Inflasi Emas April 2025 Puncak Dibanding September 2020

Inflasi emas perhiasan mencapai tingkat tertinggi sejak September 2020 pada bulan April ini, menurut Deputi Bidang Statistik Distribusi dan Jasa Badan Pusat Statistik (BPS) Pudji Ismartini. Pada Agustus 2020, terjadi inflasi emas sebesar 10,75 persen, yang kemudian diikuti oleh tingkat inflasi bulanan komoditas emas sebesar 10,52 persen month-to-month (mtm) pada April 2025. Data Rata-Rata Harga Emas di Jakarta dari BPS menunjukkan peningkatan harga emas dari Rp785.406 pada Juli 2020 menjadi Rp869.893 pada Agustus 2020, atau sebesar 10,75 persen mtm.
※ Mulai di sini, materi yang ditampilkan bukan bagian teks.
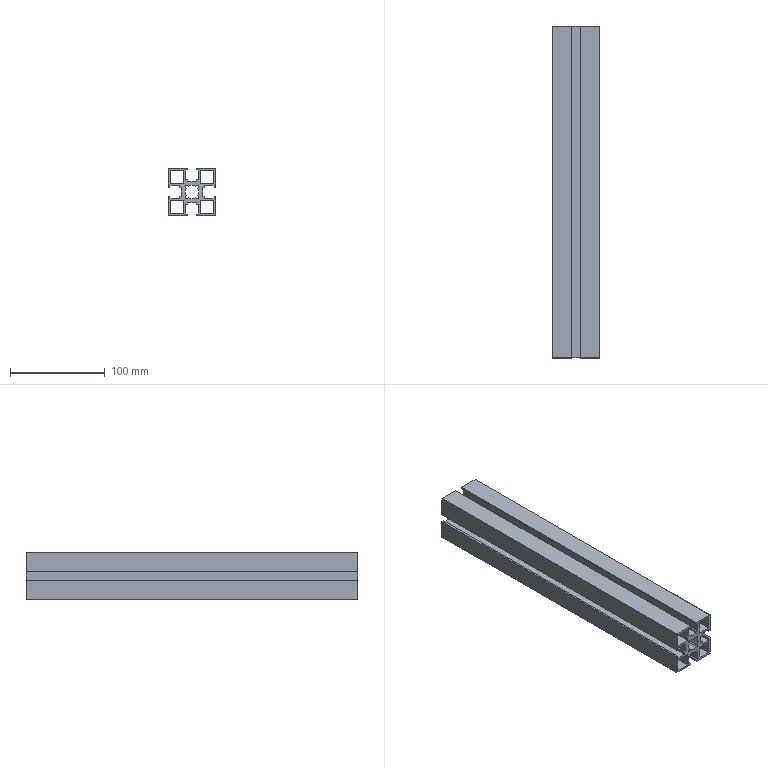CAM job | Mastercam | mm | 4 operations | part box 50 x 350 x 50
1. Contour (Ramp) | 16 - 16 平铣刀
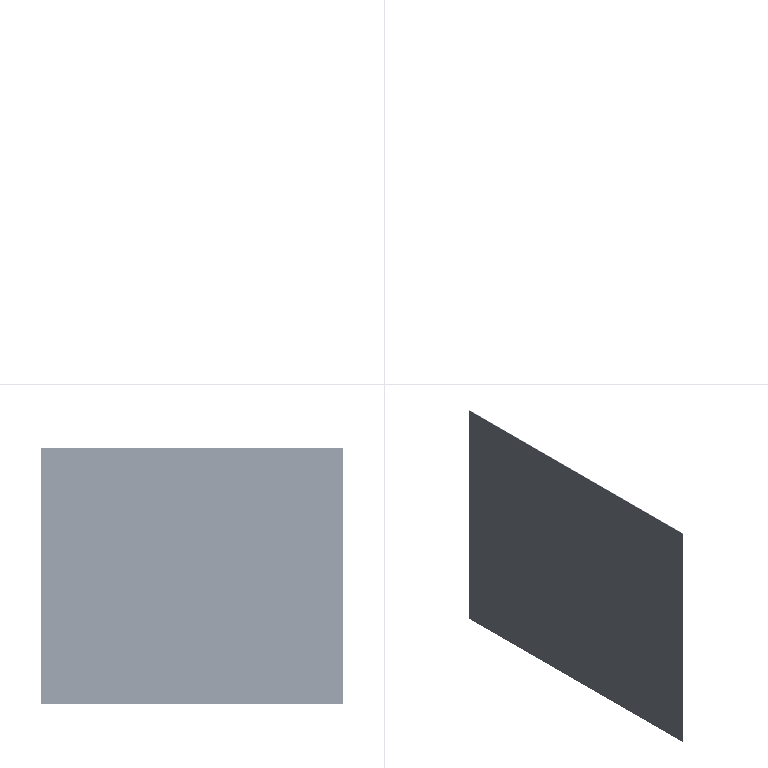2. Contour (2D) | 16 - 16 平铣刀
3. Contour (Ramp) | 16 - 16 平铣刀
4. Contour (2D) | 16 - 16 平铣刀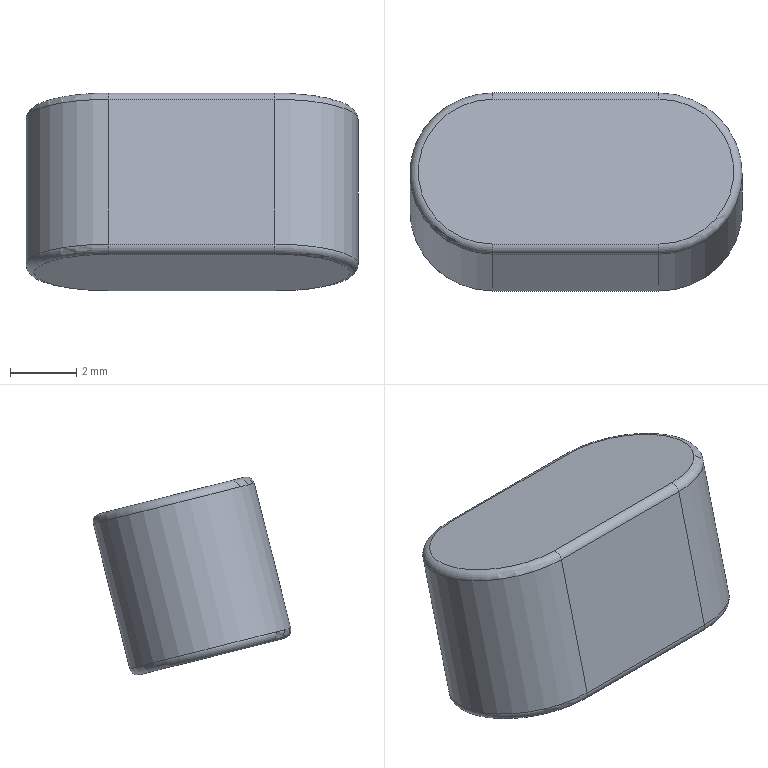Component | NX | STANDARD_FLAT_KEY_A_5X5X10 | 1 solid | 14 faces | box 10 x 5.96 x 5.96 mm | volume 222 mm3 | cylinder 6 | plane 4 | torus 4 | commonest cylinder face diameters 0.5 x4 5 x2
STEP:
#1=CARTESIAN_POINT('',(0.,0.,0.));
#2=DIRECTION('',(0.,0.,1.));
#3=DIRECTION('',(1.,0.,0.));
#4=AXIS2_PLACEMENT_3D('',#1,#2,#3);
#5=CARTESIAN_POINT('',(-1.948,67.926,64.209));
#6=VERTEX_POINT('',#5);
#7=CARTESIAN_POINT('',(-1.948,69.023,68.574));
#8=VERTEX_POINT('',#7);
#9=CARTESIAN_POINT('',(-1.948,67.865,63.967));
#10=DIRECTION('',(0.,0.2438,0.9698));
#11=VECTOR('',#10,1.);
#12=LINE('',#9,#11);
#13=CARTESIAN_POINT('',(-1.948,67.865,63.967));
#14=DIRECTION('',(0.,0.9698,-0.2438));
#15=DIRECTION('',(1.,-0.,0.));
#16=AXIS2_PLACEMENT_3D('',#13,#14,#15);
#17=PLANE('',#16);
#18=CARTESIAN_POINT('',(0.,0.));
#19=DIRECTION('',(-0.,-1.));
#20=VECTOR('',#19,1.);
#21=LINE('',#18,#20);
#22=(GEOMETRIC_REPRESENTATION_CONTEXT(2)PARAMETRIC_REPRESENTATION_CONTEXT()REPRESENTATION_CONTEXT('',''));
#23=DEFINITIONAL_REPRESENTATION('',(#21),#22);
#24=PCURVE('',#17,#23);
#25=CARTESIAN_POINT('',(-1.948,65.44,64.576));
#26=DIRECTION('',(0.,0.2438,0.9698));
#27=DIRECTION('',(-1.,0.,0.));
#28=AXIS2_PLACEMENT_3D('',#25,#26,#27);
#29=CYLINDRICAL_SURFACE('',#28,2.5);
#30=CARTESIAN_POINT('',(4.712,-0.));
#31=DIRECTION('',(0.,1.));
#32=VECTOR('',#31,1.);
#33=LINE('',#30,#32);
#34=(GEOMETRIC_REPRESENTATION_CONTEXT(2)PARAMETRIC_REPRESENTATION_CONTEXT()REPRESENTATION_CONTEXT('',''));
#35=DEFINITIONAL_REPRESENTATION('',(#33),#34);
#36=PCURVE('',#29,#35);
#37=SURFACE_CURVE('',#12,(#24,#36),.PCURVE_S1.);
#38=EDGE_CURVE('',#6,#8,#37,.T.);
#39=ORIENTED_EDGE('',*,*,#38,.F.);
#40=CARTESIAN_POINT('',(-6.948,67.926,64.209));
#41=VERTEX_POINT('',#40);
#42=CARTESIAN_POINT('',(-6.948,67.926,64.209));
#43=DIRECTION('',(-1.,0.,-0.));
#44=VECTOR('',#43,1.);
#45=LINE('',#42,#44);
#46=CARTESIAN_POINT('',(-5.,-0.25));
#47=DIRECTION('',(-1.,0.));
#48=VECTOR('',#47,1.);
#49=LINE('',#46,#48);
#50=(GEOMETRIC_REPRESENTATION_CONTEXT(2)PARAMETRIC_REPRESENTATION_CONTEXT()REPRESENTATION_CONTEXT('',''));
#51=DEFINITIONAL_REPRESENTATION('',(#49),#50);
#52=PCURVE('',#17,#51);
#53=CARTESIAN_POINT('',(-1.948,67.683,64.27));
#54=DIRECTION('',(1.,-0.,0.));
#55=DIRECTION('',(-0.,-0.9698,0.2438));
#56=AXIS2_PLACEMENT_3D('',#53,#54,#55);
#57=CYLINDRICAL_SURFACE('',#56,0.25);
#58=CARTESIAN_POINT('',(3.142,-5.));
#59=DIRECTION('',(0.,-1.));
#60=VECTOR('',#59,1.);
#61=LINE('',#58,#60);
#62=(GEOMETRIC_REPRESENTATION_CONTEXT(2)PARAMETRIC_REPRESENTATION_CONTEXT()REPRESENTATION_CONTEXT('',''));
#63=DEFINITIONAL_REPRESENTATION('',(#61),#62);
#64=PCURVE('',#57,#63);
#65=SURFACE_CURVE('',#45,(#52,#64),.PCURVE_S1.);
#66=EDGE_CURVE('',#6,#41,#65,.T.);
#67=ORIENTED_EDGE('',*,*,#66,.T.);
#68=CARTESIAN_POINT('',(-6.948,69.023,68.574));
#69=VERTEX_POINT('',#68);
#70=CARTESIAN_POINT('',(-6.948,67.865,63.967));
#71=DIRECTION('',(0.,0.2438,0.9698));
#72=VECTOR('',#71,1.);
#73=LINE('',#70,#72);
#74=CARTESIAN_POINT('',(-5.,0.));
#75=DIRECTION('',(-0.,-1.));
#76=VECTOR('',#75,1.);
#77=LINE('',#74,#76);
#78=(GEOMETRIC_REPRESENTATION_CONTEXT(2)PARAMETRIC_REPRESENTATION_CONTEXT()REPRESENTATION_CONTEXT('',''));
#79=DEFINITIONAL_REPRESENTATION('',(#77),#78);
#80=PCURVE('',#17,#79);
#81=CARTESIAN_POINT('',(-6.948,65.44,64.576));
#82=DIRECTION('',(0.,0.2438,0.9698));
#83=DIRECTION('',(-1.,0.,0.));
#84=AXIS2_PLACEMENT_3D('',#81,#82,#83);
#85=CYLINDRICAL_SURFACE('',#84,2.5);
#86=CARTESIAN_POINT('',(-1.571,-0.));
#87=DIRECTION('',(0.,1.));
#88=VECTOR('',#87,1.);
#89=LINE('',#86,#88);
#90=(GEOMETRIC_REPRESENTATION_CONTEXT(2)PARAMETRIC_REPRESENTATION_CONTEXT()REPRESENTATION_CONTEXT('',''));
#91=DEFINITIONAL_REPRESENTATION('',(#89),#90);
#92=PCURVE('',#85,#91);
#93=SURFACE_CURVE('',#73,(#80,#92),.PCURVE_S1.);
#94=EDGE_CURVE('',#41,#69,#93,.T.);
#95=ORIENTED_EDGE('',*,*,#94,.T.);
#96=CARTESIAN_POINT('',(-1.948,69.023,68.574));
#97=DIRECTION('',(1.,-0.,0.));
#98=VECTOR('',#97,1.);
#99=LINE('',#96,#98);
#100=CARTESIAN_POINT('',(-0.,-4.75));
#101=DIRECTION('',(1.,-0.));
#102=VECTOR('',#101,1.);
#103=LINE('',#100,#102);
#104=(GEOMETRIC_REPRESENTATION_CONTEXT(2)PARAMETRIC_REPRESENTATION_CONTEXT()REPRESENTATION_CONTEXT('',''));
#105=DEFINITIONAL_REPRESENTATION('',(#103),#104);
#106=PCURVE('',#17,#105);
#107=CARTESIAN_POINT('',(-6.948,68.78,68.635));
#108=DIRECTION('',(-1.,0.,-0.));
#109=DIRECTION('',(0.,0.9698,-0.2438));
#110=AXIS2_PLACEMENT_3D('',#107,#108,#109);
#111=CYLINDRICAL_SURFACE('',#110,0.25);
#112=CARTESIAN_POINT('',(6.283,-5.));
#113=DIRECTION('',(0.,-1.));
#114=VECTOR('',#113,1.);
#115=LINE('',#112,#114);
#116=(GEOMETRIC_REPRESENTATION_CONTEXT(2)PARAMETRIC_REPRESENTATION_CONTEXT()REPRESENTATION_CONTEXT('',''));
#117=DEFINITIONAL_REPRESENTATION('',(#115),#116);
#118=PCURVE('',#111,#117);
#119=SURFACE_CURVE('',#99,(#106,#118),.PCURVE_S1.);
#120=EDGE_CURVE('',#69,#8,#119,.T.);
#121=ORIENTED_EDGE('',*,*,#120,.T.);
#122=EDGE_LOOP('',(#39,#67,#95,#121));
#123=FACE_BOUND('',#122,.T.);
#124=ADVANCED_FACE('',(#123),#17,.T.);
#125=ORIENTED_EDGE('',*,*,#94,.F.);
#126=CARTESIAN_POINT('',(-6.948,63.077,65.428));
#127=VERTEX_POINT('',#126);
#128=CARTESIAN_POINT('',(-6.948,65.501,64.819));
#129=DIRECTION('',(0.,0.2438,0.9698));
#130=DIRECTION('',(-1.,0.,0.));
#131=AXIS2_PLACEMENT_3D('',#128,#129,#130);
#132=CIRCLE('',#131,2.5);
#133=CARTESIAN_POINT('',(-6.283,0.25));
#134=DIRECTION('',(1.,0.));
#135=VECTOR('',#134,1.);
#136=LINE('',#133,#135);
#137=(GEOMETRIC_REPRESENTATION_CONTEXT(2)PARAMETRIC_REPRESENTATION_CONTEXT()REPRESENTATION_CONTEXT('',''));
#138=DEFINITIONAL_REPRESENTATION('',(#136),#137);
#139=PCURVE('',#85,#138);
#140=CARTESIAN_POINT('',(-6.948,65.501,64.819));
#141=DIRECTION('',(0.,0.2438,0.9698));
#142=DIRECTION('',(-1.,0.,0.));
#143=AXIS2_PLACEMENT_3D('',#140,#141,#142);
#144=TOROIDAL_SURFACE('',#143,2.25,0.25);
#145=CARTESIAN_POINT('',(-6.283,6.283));
#146=DIRECTION('',(1.,0.));
#147=VECTOR('',#146,1.);
#148=LINE('',#145,#147);
#149=(GEOMETRIC_REPRESENTATION_CONTEXT(2)PARAMETRIC_REPRESENTATION_CONTEXT()REPRESENTATION_CONTEXT('',''));
#150=DEFINITIONAL_REPRESENTATION('',(#148),#149);
#151=PCURVE('',#144,#150);
#152=SURFACE_CURVE('',#132,(#139,#151),.PCURVE_S1.);
#153=EDGE_CURVE('',#41,#127,#152,.T.);
#154=ORIENTED_EDGE('',*,*,#153,.T.);
#155=CARTESIAN_POINT('',(-6.948,64.174,69.793));
#156=VERTEX_POINT('',#155);
#157=CARTESIAN_POINT('',(-6.948,63.016,65.186));
#158=DIRECTION('',(0.,0.2438,0.9698));
#159=VECTOR('',#158,1.);
#160=LINE('',#157,#159);
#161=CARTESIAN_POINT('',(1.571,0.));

Kenaikan harga emas terjadi secara berturut-turut selama 20 bulan terakhir dan emas juga menjadi salah satu kontributor terbesar inflasi bulanan pada April 2025. Selain itu, inflasi tahunan emas pada bulan yang sama mencapai 1,95 persen year-on-year (yoy). Kenaikan ini dikaitkan dengan naiknya harga emas di pasar global. Inflasi bulanan sebesar 1,17 persen mtm pada April 2025 ditandai dengan IHK yang meningkat dari 107,22 pada Maret 2025 menjadi 108,47 pada April 2025. Melihat tren ini, harga emas menjadi salah satu komoditas yang berpengaruh besar terhadap inflasi, dengan peningkatan yang signifikan setelah Agustus 2023 yang mengalami deflasi sebesar 0,3 persen mtm. Menurut Pudji, emas merupakan salah satu kontributor inflasi tertinggi selain tarif listrik, bawang merah, cabai merah, serta tomat. Saat ini, emas memiliki andil sebesar 0,52 persen terhadap inflasi tahunan yang mencapai 1,95 persen pada bulan April 2025.